L’antenne de Future Pioneers à Irbid est devenue un pôle d’information pour les nouveaux entrepreneurs. Un groupe WhatsApp a été créé dans le cadre du projet, et ces esprits créatifs restent en contact, favorisant la collaboration et le soutien continu.
Place au durable : objectif informer
Si l’entreprise de Yusra a gagné du terrain auprès de ses amis et de sa famille grâce aux réseaux sociaux, elle aspire à toucher un public beaucoup plus large. Malgré la difficulté de promouvoir des pratiques durables, en particulier dans les villages autour d’Irbid, elle garde espoir.

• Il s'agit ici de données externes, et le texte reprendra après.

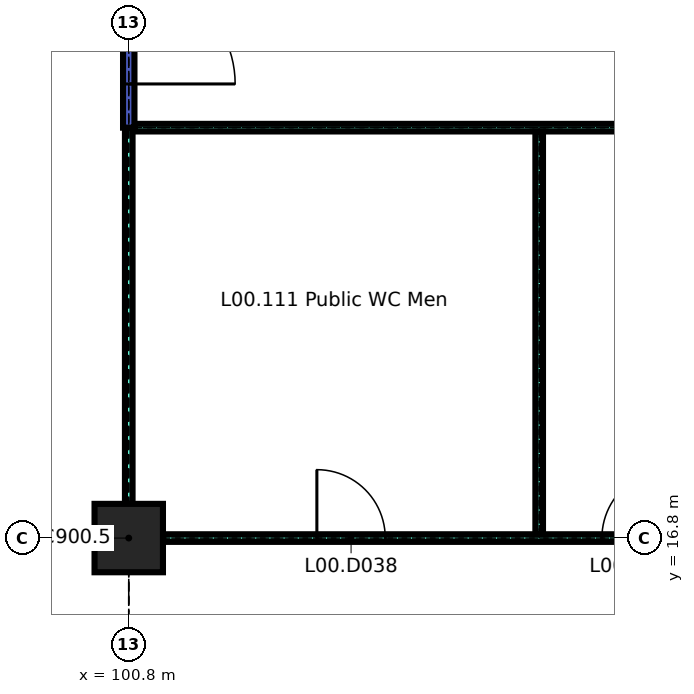
"""IFC4 building model, lengths in metres.
Left out: names, types, materials, properties, quantities, classifications, styles, units other than length and angle.
Written with IfcOpenShell. Run it as: python <this file> out.ifc"""

import sys

from ifc_helpers import new_model, si_unit, direction, frame, frame_2d, origin, origin_2d, place, context, subcontext, project, spatial, rectangle, extrude, element, fill, save


model = new_model("IFC4")
c1 = context("Model", 3, precision=1e-05, world=origin(), true_north=direction((0.0, 1.0)))
c2 = subcontext(c1, "Body", "Model", "MODEL_VIEW")
j1 = project(units=[si_unit("LENGTHUNIT", "METRE"), si_unit("PLANEANGLEUNIT", "RADIAN")], contexts=[c1])
p1 = place(None, origin())
s1 = spatial("IfcSite", under=j1, at=p1, CompositionType="ELEMENT")
p2 = place(p1, origin())
s2 = spatial("IfcBuilding", under=s1, at=p2, CompositionType="ELEMENT")
p3 = place(p2, origin())
s3 = spatial("IfcBuildingStorey", under=s2, at=p3, CompositionType="ELEMENT", Elevation=0.0)
p4 = place(p3, frame((100.8, 16.8, 0.0), z_axis=(0.0, 0.0, 1.0), x_axis=(1.0, 0.0, 0.0)))
e1 = element("IfcColumn", 1, at=p4, inside=s3, PredefinedType="COLUMN", context=c2, shape_type="SweptSolid", body=[
    extrude(rectangle(XDim=0.9, YDim=0.9, at=origin_2d()), origin(), (0.0, 0.0, 1.0), 4.14),
])
p5 = place(p3, frame((101.25, 16.8, 0.0), z_axis=(0.0, 0.0, 1.0), x_axis=(1.0, 0.0, 0.0)))
e2 = element("IfcWall", 2, at=p5, inside=s3, PredefinedType="PARTITIONING", context=c2, shape_type="SweptSolid", body=[
    extrude(rectangle(XDim=7.5, YDim=0.1, at=frame_2d((3.75, 0.0))), origin(), (0.0, 0.0, 1.0), 4.14),
])
p6 = place(p5, frame((2.025, 0.0, 0.0)))
e3 = element("IfcOpeningElement", 3, at=p6, cuts=e2, PredefinedType="OPENING", context=c2, shape_type="SweptSolid", body=[
    extrude(rectangle(XDim=0.9, YDim=2.1, at=frame_2d((0.45, 1.05))), frame((0.0, 0.06, 0.0), z_axis=(0.0, -1.0, 0.0), x_axis=(1.0, 0.0, 0.0)), (0.0, 0.0, 1.0), 0.12),
])
p7 = place(p5, frame((5.775, 0.0, 0.0)))
e4 = element("IfcOpeningElement", 4, at=p7, cuts=e2, PredefinedType="OPENING", context=c2, shape_type="SweptSolid", body=[
    extrude(rectangle(XDim=0.9, YDim=2.1, at=frame_2d((0.45, 1.05))), frame((0.0, 0.06, 0.0), z_axis=(0.0, -1.0, 0.0), x_axis=(1.0, 0.0, 0.0)), (0.0, 0.0, 1.0), 0.12),
])
p8 = place(p3, frame((100.875, 22.2, 0.0), z_axis=(0.0, 0.0, 1.0), x_axis=(1.0, 0.0, 0.0)))
e5 = element("IfcWall", 5, at=p8, inside=s3, PredefinedType="PARTITIONING", context=c2, shape_type="SweptSolid", body=[
    extrude(rectangle(XDim=16.525, YDim=0.1, at=frame_2d((8.262, 0.0))), origin(), (0.0, 0.0, 1.0), 4.14),
])
p9 = place(p3, frame((100.8, 17.25, 0.0), z_axis=(0.0, 0.0, 1.0), x_axis=(0.0, 1.0, 0.0)))
e6 = element("IfcWall", 6, at=p9, inside=s3, PredefinedType="PARTITIONING", context=c2, shape_type="SweptSolid", body=[
    extrude(rectangle(XDim=4.95, YDim=0.1, at=frame_2d((2.475, 0.0))), origin(), (0.0, 0.0, 1.0), 4.14),
])
p10 = place(p3, frame((100.8, 22.2, 0.0), z_axis=(0.0, 0.0, 1.0), x_axis=(0.0, 1.0, 0.0)))
e7 = element("IfcWall", 7, at=p10, inside=s3, PredefinedType="PARTITIONING", context=c2, shape_type="SweptSolid", body=[
    extrude(rectangle(XDim=2.55, YDim=0.15, at=frame_2d((1.275, 0.0))), origin(), (0.0, 0.0, 1.0), 4.14),
])
p11 = place(p10, frame((0.575, 0.0, 0.0)))
e8 = element("IfcOpeningElement", 8, at=p11, cuts=e7, PredefinedType="OPENING", context=c2, shape_type="SweptSolid", body=[
    extrude(rectangle(XDim=1.4, YDim=2.1, at=frame_2d((0.7, 1.05))), frame((0.0, 0.085, 0.0), z_axis=(0.0, -1.0, 0.0), x_axis=(1.0, 0.0, 0.0)), (0.0, 0.0, 1.0), 0.17),
])
p12 = place(p3, frame((106.2, 16.85, 0.0), z_axis=(0.0, 0.0, 1.0), x_axis=(0.0, 1.0, 0.0)))
e9 = element("IfcWall", 9, at=p12, inside=s3, PredefinedType="PARTITIONING", context=c2, shape_type="SweptSolid", body=[
    extrude(rectangle(XDim=5.3, YDim=0.1, at=frame_2d((2.65, 0.0))), origin(), (0.0, 0.0, 1.0), 4.14),
])
p13 = place(p6, origin())
e10 = element("IfcDoor", 10, at=p13, inside=s3, OperationType="SINGLE_SWING_RIGHT", PredefinedType="DOOR", context=c2, shape_type="SweptSolid", body=[
    extrude(rectangle(XDim=0.9, YDim=2.1, at=frame_2d((0.45, 1.05))), frame((0.0, 0.02, 0.0), z_axis=(0.0, -1.0, 0.0), x_axis=(1.0, 0.0, 0.0)), (0.0, 0.0, 1.0), 0.04),
])
fill(e3, e10)
p14 = place(p7, origin())
e11 = element("IfcDoor", 11, at=p14, inside=s3, OperationType="SINGLE_SWING_LEFT", PredefinedType="DOOR", context=c2, shape_type="SweptSolid", body=[
    extrude(rectangle(XDim=0.9, YDim=2.1, at=frame_2d((0.45, 1.05))), frame((0.0, 0.02, 0.0), z_axis=(0.0, -1.0, 0.0), x_axis=(1.0, 0.0, 0.0)), (0.0, 0.0, 1.0), 0.04),
])
fill(e4, e11)
p15 = place(p11, origin())
e12 = element("IfcDoor", 12, at=p15, inside=s3, OperationType="SINGLE_SWING_LEFT", PredefinedType="DOOR", context=c2, shape_type="SweptSolid", body=[
    extrude(rectangle(XDim=1.4, YDim=2.1, at=frame_2d((0.7, 1.05))), frame((0.0, 0.025, 0.0), z_axis=(0.0, -1.0, 0.0), x_axis=(1.0, 0.0, 0.0)), (0.0, 0.0, 1.0), 0.05),
])
fill(e8, e12)
save(model, sys.argv[1])

« Nous avons besoin de plus de temps. Nous devons organiser plus de campagnes. Je sais que je n’arriverai pas à sensibiliser toutes ces personnes seule, mais au moins à présent, je sais comment convaincre ; il me suffit de leur montrer l’impact réel du déversement de déchets et le danger à long terme de ces comportements », explique Yusra.
Forte de cette mission, elle envisage de s’engager auprès des organisations communautaires locales et des ONG, afin d’encourager les gens à conserver leurs biens ou à en faire don plutôt que de les jeter.
En sensibilisant les gens aux effets néfastes du déversement de déchets et aux avantages du recyclage créatif, Yusra est convaincue qu’elle peut contribuer à faire évoluer les mentalités et à promouvoir une approche plus réfléchie de la consommation.